Wonka review: Chalamet a vast improvement on Depp’s creepy-crawly version in delightful adaptation

PG, 116mins

Olivia Colman: Having Timothee Chalamet play Wonka was ‘a stroke of genius’

Paul Whitington

Roald Dahl was not keen on adaptations. He roundly dismissed the now beloved 1972 film version of Charlie and the Chocolate Factory as “saccharine, sappy and sentimental”, and reckoned Spike Milligan would have been a better Wonka than Gene Wilder. He’d certainly have made a madder one.

And Dahl liked his book James and the Giant Peach so much he refused in his lifetime to let anyone adapt it: after his death, his widow relented.
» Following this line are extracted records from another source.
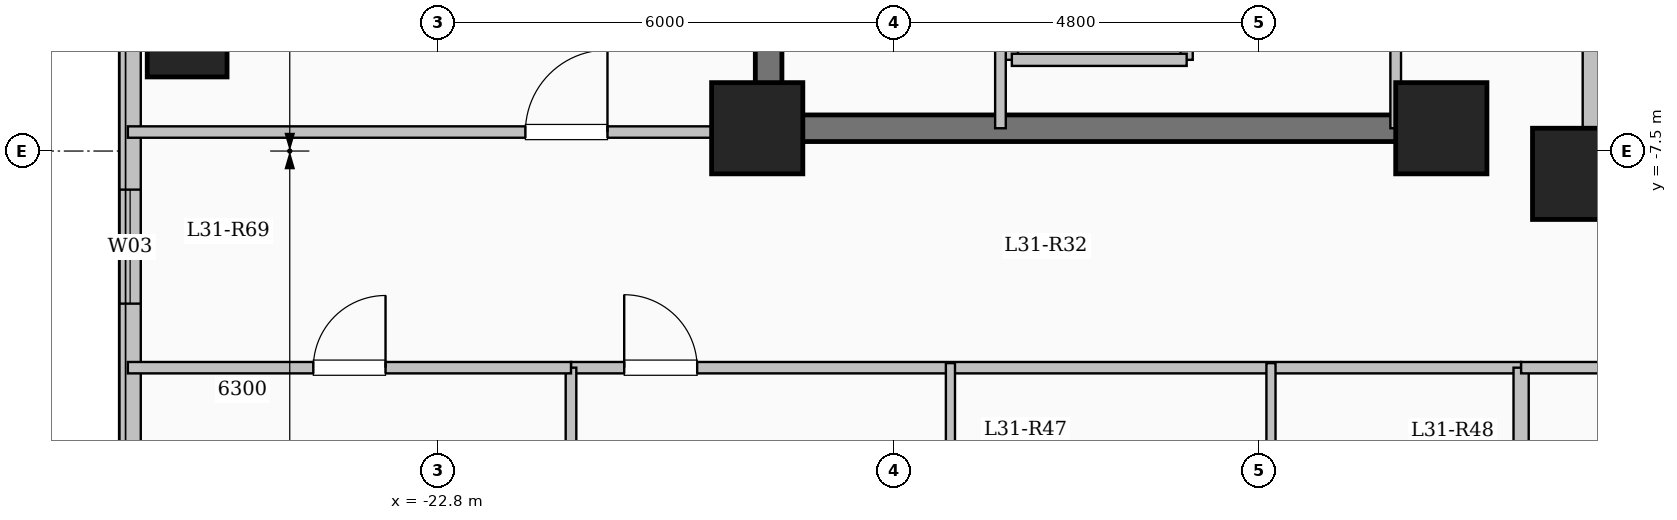
"""IFC4 building model, lengths in metres.
Left out: names, types, materials, properties, quantities, classifications, styles, units other than length and angle.
Written with IfcOpenShell. Run it as: python <this file> out.ifc"""

import sys

from ifc_helpers import new_model, si_unit, direction, frame, frame_2d, origin, origin_2d, place, context, subcontext, project, spatial, rectangle, extrude, element, fill, save


model = new_model("IFC4")
c1 = context("Model", 3, precision=1e-05, world=origin(), true_north=direction((0.0, 1.0)))
c2 = subcontext(c1, "Body", "Model", "MODEL_VIEW")
j1 = project(units=[si_unit("LENGTHUNIT", "METRE"), si_unit("PLANEANGLEUNIT", "RADIAN")], contexts=[c1])
p1 = place(None, origin())
s1 = spatial("IfcSite", under=j1, at=p1, CompositionType="ELEMENT")
p2 = place(p1, origin())
s2 = spatial("IfcBuilding", under=s1, at=p2, CompositionType="ELEMENT")
p3 = place(p2, frame((0.0, 0.0, 115.15)))
s3 = spatial("IfcBuildingStorey", under=s2, at=p3, CompositionType="ELEMENT", Elevation=115.15)
for number, where, z_axis, x_axis in (
    (1, (-7.8, -7.8, 0.0), (0.0, 0.0, 1.0), (1.0, 0.0, 0.0)),
    (2, (-9.6, -7.2, 0.0), (0.0, 0.0, 1.0), (1.0, 0.0, 0.0)),
    (3, (-18.6, -7.2, 0.0), (0.0, 0.0, 1.0), (1.0, 0.0, 0.0)),
):
    element("IfcColumn", number, at=place(p3, frame(where, z_axis=z_axis, x_axis=x_axis)), inside=s3, PredefinedType="COLUMN", context=c2, shape_type="SweptSolid", body=[
        extrude(rectangle(XDim=1.2, YDim=1.2, at=origin_2d()), origin(), (0.0, 0.0, 1.0), 3.35),
    ])
p4 = place(p3, frame((-26.1, -6.0, 0.0), z_axis=(0.0, 0.0, 1.0), x_axis=(1.0, 0.0, 0.0)))
e4 = element("IfcColumn", 4, at=p4, inside=s3, PredefinedType="COLUMN", context=c2, shape_type="SweptSolid", body=[
    extrude(rectangle(XDim=1.05, YDim=1.05, at=origin_2d()), origin(), (0.0, 0.0, 1.0), 3.35),
])
p5 = place(p3, frame((-7.62, -7.62, 0.0), z_axis=(0.0, 0.0, 1.0), x_axis=(1.0, 0.0, 0.0)))
e5 = element("IfcWall", 5, at=p5, inside=s3, PredefinedType="SOLIDWALL", context=c2, shape_type="SweptSolid", body=[
    extrude(rectangle(XDim=15.24, YDim=0.24, at=frame_2d((7.62, 0.0))), origin(), (0.0, 0.0, 1.0), 3.05),
])
p6 = place(p5, frame((6.92, 0.0, 0.95)))
e6 = element("IfcOpeningElement", 6, at=p6, cuts=e5, PredefinedType="OPENING", context=c2, shape_type="SweptSolid", body=[
    extrude(rectangle(XDim=1.4, YDim=1.5, at=frame_2d((0.7, 0.75))), frame((0.0, 0.13, 0.0), z_axis=(0.0, -1.0, 0.0), x_axis=(1.0, 0.0, 0.0)), (0.0, 0.0, 1.0), 0.26),
])
p7 = place(p3, frame((-7.62, 7.62, 0.0), z_axis=(0.0, 0.0, 1.0), x_axis=(0.0, -1.0, 0.0)))
e7 = element("IfcWall", 7, at=p7, inside=s3, PredefinedType="SOLIDWALL", context=c2, shape_type="SweptSolid", body=[
    extrude(rectangle(XDim=15.24, YDim=0.24, at=frame_2d((7.62, 0.0))), origin(), (0.0, 0.0, 1.0), 3.05),
])
p8 = place(p7, frame((6.92, 0.0, 0.95)))
e8 = element("IfcOpeningElement", 8, at=p8, cuts=e7, PredefinedType="OPENING", context=c2, shape_type="SweptSolid", body=[
    extrude(rectangle(XDim=1.4, YDim=1.5, at=frame_2d((0.7, 0.75))), frame((0.0, 0.13, 0.0), z_axis=(0.0, -1.0, 0.0), x_axis=(1.0, 0.0, 0.0)), (0.0, 0.0, 1.0), 0.26),
])
p9 = place(p3, frame((-26.85, -17.85, 0.0), z_axis=(0.0, 0.0, 1.0), x_axis=(0.0, 1.0, 0.0)))
e9 = element("IfcWall", 9, at=p9, inside=s3, PredefinedType="SOLIDWALL", context=c2, shape_type="SweptSolid", body=[
    extrude(rectangle(XDim=35.7, YDim=0.28, at=frame_2d((17.85, 0.0))), origin(), (0.0, 0.0, 1.0), 3.05),
])
p10 = place(p9, frame((2.55, 0.0, 0.9)))
e10 = element("IfcOpeningElement", 10, at=p10, cuts=e9, PredefinedType="OPENING", context=c2, shape_type="SweptSolid", body=[
    extrude(rectangle(XDim=2.4, YDim=1.8, at=frame_2d((1.2, 0.9))), frame((0.0, 0.15, 0.0), z_axis=(0.0, -1.0, 0.0), x_axis=(1.0, 0.0, 0.0)), (0.0, 0.0, 1.0), 0.3),
])
p11 = place(p9, frame((8.343, 0.0, 0.9)))
e11 = element("IfcOpeningElement", 11, at=p11, cuts=e9, PredefinedType="OPENING", context=c2, shape_type="SweptSolid", body=[
    extrude(rectangle(XDim=1.5, YDim=1.65, at=frame_2d((0.75, 0.825))), frame((0.0, 0.15, 0.0), z_axis=(0.0, -1.0, 0.0), x_axis=(1.0, 0.0, 0.0)), (0.0, 0.0, 1.0), 0.3),
])
p12 = place(p9, frame((18.6, 0.0, 0.9)))
e12 = element("IfcOpeningElement", 12, at=p12, cuts=e9, PredefinedType="OPENING", context=c2, shape_type="SweptSolid", body=[
    extrude(rectangle(XDim=2.0, YDim=1.7, at=frame_2d((1.0, 0.85))), frame((0.0, 0.15, 0.0), z_axis=(0.0, -1.0, 0.0), x_axis=(1.0, 0.0, 0.0)), (0.0, 0.0, 1.0), 0.3),
])
p13 = place(p9, frame((28.975, 0.0, 0.95)))
e13 = element("IfcOpeningElement", 13, at=p13, cuts=e9, PredefinedType="OPENING", context=c2, shape_type="SweptSolid", body=[
    extrude(rectangle(XDim=1.0, YDim=1.5, at=frame_2d((0.5, 0.75))), frame((0.0, 0.15, 0.0), z_axis=(0.0, -1.0, 0.0), x_axis=(1.0, 0.0, 0.0)), (0.0, 0.0, 1.0), 0.3),
])
p14 = place(p9, frame((32.025, 0.0, 0.9)))
e14 = element("IfcOpeningElement", 14, at=p14, cuts=e9, PredefinedType="OPENING", context=c2, shape_type="SweptSolid", body=[
    extrude(rectangle(XDim=2.0, YDim=1.7, at=frame_2d((1.0, 0.85))), frame((0.0, 0.15, 0.0), z_axis=(0.0, -1.0, 0.0), x_axis=(1.0, 0.0, 0.0)), (0.0, 0.0, 1.0), 0.3),
])
for number, where, z_axis, x_axis in (
    (15, (-15.25, -6.3, 0.0), (0.0, 0.0, 1.0), (0.0, 1.0, 0.0)),
    (16, (-12.95, -6.3, 0.0), (0.0, 0.0, 1.0), (0.0, 1.0, 0.0)),
):
    element("IfcWall", number, at=place(p3, frame(where, z_axis=z_axis, x_axis=x_axis)), inside=s3, PredefinedType="SOLIDWALL", context=c2, shape_type="SweptSolid", body=[
        extrude(rectangle(XDim=2.6, YDim=0.16, at=frame_2d((1.3, 0.0))), origin(), (0.0, 0.0, 1.0), 3.05),
    ])
p15 = place(p3, frame((-15.25, -6.3, 0.0), z_axis=(0.0, 0.0, 1.0), x_axis=(1.0, 0.0, 0.0)))
e17 = element("IfcWall", 17, at=p15, inside=s3, PredefinedType="SOLIDWALL", context=c2, shape_type="SweptSolid", body=[
    extrude(rectangle(XDim=2.3, YDim=0.16, at=frame_2d((1.15, 0.0))), origin(), (0.0, 0.0, 1.0), 3.05),
])
p16 = place(p3, frame((-18.45, -7.375, 0.0), z_axis=(0.0, 0.0, 1.0), x_axis=(0.0, 1.0, 0.0)))
e18 = element("IfcWall", 18, at=p16, inside=s3, PredefinedType="SHEAR", context=c2, shape_type="SweptSolid", body=[
    extrude(rectangle(XDim=14.05, YDim=0.35, at=frame_2d((7.025, 0.0))), origin(), (0.0, 0.0, 1.0), 3.35),
])
p17 = place(p3, frame((-18.625, -7.2, 0.0), z_axis=(0.0, 0.0, 1.0), x_axis=(1.0, 0.0, 0.0)))
e19 = element("IfcWall", 19, at=p17, inside=s3, PredefinedType="SHEAR", context=c2, shape_type="SweptSolid", body=[
    extrude(rectangle(XDim=8.55, YDim=0.35, at=frame_2d((4.275, 0.0))), origin(), (0.0, 0.0, 1.0), 3.35),
])
p18 = place(p3, frame((-15.4, -7.2, 0.0), z_axis=(0.0, 0.0, 1.0), x_axis=(0.0, 1.0, 0.0)))
e20 = element("IfcWall", 20, at=p18, inside=s3, PredefinedType="PARTITIONING", context=c2, shape_type="SweptSolid", body=[
    extrude(rectangle(XDim=10.45, YDim=0.14, at=frame_2d((5.225, 0.0))), origin(), (0.0, 0.0, 1.0), 3.05),
])
p19 = place(p18, frame((9.25, 0.0, 0.0)))
e21 = element("IfcOpeningElement", 21, at=p19, cuts=e20, PredefinedType="OPENING", context=c2, shape_type="SweptSolid", body=[
    extrude(rectangle(XDim=0.9, YDim=2.08, at=frame_2d((0.45, 1.04))), frame((0.0, 0.08, 0.0), z_axis=(0.0, -1.0, 0.0), x_axis=(1.0, 0.0, 0.0)), (0.0, 0.0, 1.0), 0.16),
])
p20 = place(p3, frame((-10.2, -7.2, 0.0), z_axis=(0.0, 0.0, 1.0), x_axis=(0.0, 1.0, 0.0)))
e22 = element("IfcWall", 22, at=p20, inside=s3, PredefinedType="PARTITIONING", context=c2, shape_type="SweptSolid", body=[
    extrude(rectangle(XDim=9.12, YDim=0.14, at=frame_2d((4.56, 0.0))), origin(), (0.0, 0.0, 1.0), 3.05),
])
p21 = place(p20, frame((1.9, 0.0, 0.0)))
e23 = element("IfcOpeningElement", 23, at=p21, cuts=e22, PredefinedType="OPENING", context=c2, shape_type="SweptSolid", body=[
    extrude(rectangle(XDim=0.95, YDim=2.12, at=frame_2d((0.475, 1.06))), frame((0.0, 0.08, 0.0), z_axis=(0.0, -1.0, 0.0), x_axis=(1.0, 0.0, 0.0)), (0.0, 0.0, 1.0), 0.16),
])
p22 = place(p20, frame((7.75, 0.0, 0.0)))
e24 = element("IfcOpeningElement", 24, at=p22, cuts=e22, PredefinedType="OPENING", context=c2, shape_type="SweptSolid", body=[
    extrude(rectangle(XDim=0.95, YDim=2.12, at=frame_2d((0.475, 1.06))), frame((0.0, 0.08, 0.0), z_axis=(0.0, -1.0, 0.0), x_axis=(1.0, 0.0, 0.0)), (0.0, 0.0, 1.0), 0.16),
])
p23 = place(p3, frame((-21.05, -10.35, 0.0), z_axis=(0.0, 0.0, 1.0), x_axis=(1.0, 0.0, 0.0)))
e25 = element("IfcWall", 25, at=p23, inside=s3, PredefinedType="PARTITIONING", context=c2, shape_type="SweptSolid", body=[
    extrude(rectangle(XDim=12.5, YDim=0.15, at=frame_2d((6.25, 0.0))), origin(), (0.0, 0.0, 1.0), 3.05),
])
p24 = place(p23, frame((0.7, 0.0, 0.0)))
e26 = element("IfcOpeningElement", 26, at=p24, cuts=e25, PredefinedType="OPENING", context=c2, shape_type="SweptSolid", body=[
    extrude(rectangle(XDim=0.96, YDim=2.15, at=frame_2d((0.48, 1.075))), frame((0.0, 0.085, 0.0), z_axis=(0.0, -1.0, 0.0), x_axis=(1.0, 0.0, 0.0)), (0.0, 0.0, 1.0), 0.17),
])
p25 = place(p3, frame((-16.058, -22.1, 0.0), z_axis=(0.0, 0.0, 1.0), x_axis=(0.0, 1.0, 0.0)))
e27 = element("IfcWall", 27, at=p25, inside=s3, PredefinedType="PARTITIONING", context=c2, shape_type="SweptSolid", body=[
    extrude(rectangle(XDim=11.81, YDim=0.12, at=frame_2d((5.905, 0.0))), origin(), (0.0, 0.0, 1.0), 3.05),
])
p26 = place(p25, frame((7.645, 0.0, 0.0)))
e28 = element("IfcOpeningElement", 28, at=p26, cuts=e27, PredefinedType="OPENING", context=c2, shape_type="SweptSolid", body=[
    extrude(rectangle(XDim=1.08, YDim=2.15, at=frame_2d((0.54, 1.075))), frame((0.0, 0.07, 0.0), z_axis=(0.0, -1.0, 0.0), x_axis=(1.0, 0.0, 0.0)), (0.0, 0.0, 1.0), 0.14),
])
p27 = place(p3, frame((-11.841, -13.09, 0.0), z_axis=(0.0, 0.0, 1.0), x_axis=(0.0, 1.0, 0.0)))
e29 = element("IfcWall", 29, at=p27, inside=s3, PredefinedType="PARTITIONING", context=c2, shape_type="SweptSolid", body=[
    extrude(rectangle(XDim=2.8, YDim=0.12, at=frame_2d((1.4, 0.0))), origin(), (0.0, 0.0, 1.0), 3.05),
])
p28 = place(p3, frame((-8.55, -22.704, 0.0), z_axis=(0.0, 0.0, 1.0), x_axis=(0.0, 1.0, 0.0)))
e30 = element("IfcWall", 30, at=p28, inside=s3, PredefinedType="SOLIDWALL", context=c2, shape_type="SweptSolid", body=[
    extrude(rectangle(XDim=12.354, YDim=0.2, at=frame_2d((6.177, 0.0))), origin(), (0.0, 0.0, 1.0), 3.05),
])
p29 = place(p3, frame((-8.55, -10.35, 0.0), z_axis=(0.0, 0.0, 1.0), x_axis=(1.0, 0.0, 0.0)))
e31 = element("IfcWall", 31, at=p29, inside=s3, PredefinedType="PARTITIONING", context=c2, shape_type="SweptSolid", body=[
    extrude(rectangle(XDim=17.1, YDim=0.15, at=frame_2d((8.55, 0.0))), origin(), (0.0, 0.0, 1.0), 3.05),
])
p30 = place(p29, frame((1.15, 0.0, 0.0)))
e32 = element("IfcOpeningElement", 32, at=p30, cuts=e31, PredefinedType="OPENING", context=c2, shape_type="SweptSolid", body=[
    extrude(rectangle(XDim=0.96, YDim=2.15, at=frame_2d((0.48, 1.075))), frame((0.0, 0.085, 0.0), z_axis=(0.0, -1.0, 0.0), x_axis=(1.0, 0.0, 0.0)), (0.0, 0.0, 1.0), 0.17),
])
p31 = place(p29, frame((10.5, 0.0, 0.0)))
e33 = element("IfcOpeningElement", 33, at=p31, cuts=e31, PredefinedType="OPENING", context=c2, shape_type="SweptSolid", body=[
    extrude(rectangle(XDim=0.96, YDim=2.15, at=frame_2d((0.48, 1.075))), frame((0.0, 0.085, 0.0), z_axis=(0.0, -1.0, 0.0), x_axis=(1.0, 0.0, 0.0)), (0.0, 0.0, 1.0), 0.17),
])
p32 = place(p3, frame((-26.88, -7.25, 0.0), z_axis=(0.0, 0.0, 1.0), x_axis=(1.0, 0.0, 0.0)))
e34 = element("IfcWall", 34, at=p32, inside=s3, PredefinedType="PARTITIONING", context=c2, shape_type="SweptSolid", body=[
    extrude(rectangle(XDim=8.43, YDim=0.15, at=frame_2d((4.215, 0.0))), origin(), (0.0, 0.0, 1.0), 3.05),
])
p33 = place(p32, frame((5.23, 0.0, 0.0)))
e35 = element("IfcOpeningElement", 35, at=p33, cuts=e34, PredefinedType="OPENING", context=c2, shape_type="SweptSolid", body=[
    extrude(rectangle(XDim=1.08, YDim=2.15, at=frame_2d((0.54, 1.075))), frame((0.0, 0.085, 0.0), z_axis=(0.0, -1.0, 0.0), x_axis=(1.0, 0.0, 0.0)), (0.0, 0.0, 1.0), 0.17),
])
p34 = place(p3, frame((-21.05, -17.85, 0.0), z_axis=(0.0, 0.0, 1.0), x_axis=(0.0, 1.0, 0.0)))
e36 = element("IfcWall", 36, at=p34, inside=s3, PredefinedType="PARTITIONING", context=c2, shape_type="SweptSolid", body=[
    extrude(rectangle(XDim=7.5, YDim=0.14, at=frame_2d((3.75, 0.0))), origin(), (0.0, 0.0, 1.0), 3.05),
])
p35 = place(p3, frame((-26.88, -10.35, 0.0), z_axis=(0.0, 0.0, 1.0), x_axis=(1.0, 0.0, 0.0)))
e37 = element("IfcWall", 37, at=p35, inside=s3, PredefinedType="PARTITIONING", context=c2, shape_type="SweptSolid", body=[
    extrude(rectangle(XDim=5.83, YDim=0.15, at=frame_2d((2.915, 0.0))), origin(), (0.0, 0.0, 1.0), 3.05),
])
p36 = place(p35, frame((2.44, 0.0, 0.0)))
e38 = element("IfcOpeningElement", 38, at=p36, cuts=e37, PredefinedType="OPENING", context=c2, shape_type="SweptSolid", body=[
    extrude(rectangle(XDim=0.95, YDim=2.15, at=frame_2d((0.475, 1.075))), frame((0.0, 0.085, 0.0), z_axis=(0.0, -1.0, 0.0), x_axis=(1.0, 0.0, 0.0)), (0.0, 0.0, 1.0), 0.17),
])
p37 = place(p11, origin())
e39 = element("IfcWindow", 39, at=p37, inside=s3, PartitioningType="SINGLE_PANEL", PredefinedType="WINDOW", context=c2, shape_type="SweptSolid", body=[
    extrude(rectangle(XDim=1.5, YDim=1.65, at=frame_2d((0.75, 0.825))), frame((0.0, 0.03, 0.0), z_axis=(0.0, -1.0, 0.0), x_axis=(1.0, 0.0, 0.0)), (0.0, 0.0, 1.0), 0.06),
])
fill(e11, e39)
p38 = place(p24, origin())
e40 = element("IfcDoor", 40, at=p38, inside=s3, OperationType="SINGLE_SWING_LEFT", PredefinedType="DOOR", context=c2, shape_type="SweptSolid", body=[
    extrude(rectangle(XDim=0.96, YDim=2.15, at=frame_2d((0.48, 1.075))), frame((0.0, 0.025, 0.0), z_axis=(0.0, -1.0, 0.0), x_axis=(1.0, 0.0, 0.0)), (0.0, 0.0, 1.0), 0.05),
])
fill(e26, e40)
p39 = place(p36, origin())
e41 = element("IfcDoor", 41, at=p39, inside=s3, OperationType="SINGLE_SWING_RIGHT", PredefinedType="DOOR", context=c2, shape_type="SweptSolid", body=[
    extrude(rectangle(XDim=0.95, YDim=2.15, at=frame_2d((0.475, 1.075))), frame((0.0, 0.025, 0.0), z_axis=(0.0, -1.0, 0.0), x_axis=(1.0, 0.0, 0.0)), (0.0, 0.0, 1.0), 0.05),
])
fill(e38, e41)
p40 = place(p33, origin())
e42 = element("IfcDoor", 42, at=p40, inside=s3, OperationType="SINGLE_SWING_RIGHT", PredefinedType="DOOR", context=c2, shape_type="SweptSolid", body=[
    extrude(rectangle(XDim=1.08, YDim=2.15, at=frame_2d((0.54, 1.075))), frame((0.0, 0.025, 0.0), z_axis=(0.0, -1.0, 0.0), x_axis=(1.0, 0.0, 0.0)), (0.0, 0.0, 1.0), 0.05),
])
fill(e35, e42)
save(model, sys.argv[1])

There’ve been numerous Dahl-inspired movies since, and all have struggled to capture that odd mix of magic, mischief, cruelty and snark that made his children’s stories so unique.

Has Wonka managed to channel the Dahl harrumph? Not exactly, for this Willie (Timothee Chalamet) exists in a heightened world of primal colours, flying chocolate-lovers and villains so fruity they’d be kicked out of a pantomime.

Perhaps the darkness will come if director Paul King and his co-writer Simon Farnaby are given a chance to remake Charlie and the Chocolate Factory, in which bitter tangs would surely be supplied by Veruca Salt and Augustus Gloop, those nasty kids who did their best to rain on the parade of poor boy Charlie Bucket.

But Wonka happens before all that, when it’s Willie who’s finding his way in the world and has the arse out of his trousers.

Timothee Chalamet in 'Wonka'

Wide-eyed, gullible, endlessly optimistic, young Willie Wonka arrives in a grand and generic European city with a dream in his heart and ten silver florins in his pocket.

In a flashback, we discover that he was raised on a barge by his kindly mother (Sally Hawkins), who appears to be Irish (a relation of the Portarlington Wonkas perhaps) and taught him the secret ways of creating enchanted chocolate.

Sadly, she died, leaving her son with a shared dream of one day opening a chocolate shop.

Within the first afternoon, however, all those florins have been flittered away, and Wonka faces the prospect of sleeping on a park bench when a passing man (with a suspiciously scary dog) makes an apparently kind offer – a bed in a nearby boarding house, with the first night on credit.

The place is run by one Mrs Scrubbit (Olivia Colman), a Dickensian shrew with bad teeth and unctuous manner, who proffers a contract. Wonka doesn’t read the small print and wakes the next morning to find he’s been duped, now owes 10,000 florins he must pay off by toiling in a subterranean laundry.

There he meets Noodle (Calah Lane), an indentured orphan, and other inmates who’ve been similarly misled. But Wonka is nothing if not ingenious and soon comes up with a way of sneaking out and setting the whole town talking about his delicious and magical chocolates.

Before too long his dream of a shop seems within touching distance, but a greedy consortium of chocolate magnates – Slugworth (Paterson Joseph), Fickelgruber (Matthew Baynton) and Prodnose (Matt Lucas) – will stop at nothing to foil Wonka and run him out of town.

Wonka

Keegan-Michael Key makes an amusing appearance as a crooked police chief who’s bribed with chocolate till he balloons up like the Michelin Man and Rowan Atkinson plays a similarly compromised catholic priest.

The film’s frothy tone is exemplified by Chalamet’s Wonka, who blends humour, charm, grace and pathos in a note-perfect characterisation. As Willie is essentially a sexless man-child, romance is out of the question and instead it’s his avuncular relationship with the “urchin” Noodle that forms the film’s dramatic spine.

If it has one at all that is, because all concerned are having too much fun dreaming up this chocolate-mad burg to worry too much about the storyline.

The set designs are marvellous, the Neil Hannon songs pleasant and sometimes even memorable, and the playfully comic tone is infectious.

Olivia Colman has a high old time as the foul-mouthed harpy Scrubbit, who pauses from her various cruelties to enjoy a stomach-turning romantic interlude with her henchman Bleacher (Tom Davis).

And leave it to Hugh Grant to steal every scene he’s in as a well-spoken and imperious Oompa-Loompa.

In the Paddington films and especially Paddington 2, Paul King and Simon Farnaby achieved a higher plane of family entertainment that was altogether irresistible.

Wonka might not be quite that good but is thoroughly enjoyable nonetheless, and Timothee Chalamet’s Wonka is a vast improvement on Johnny Depp’s creepy-crawly version.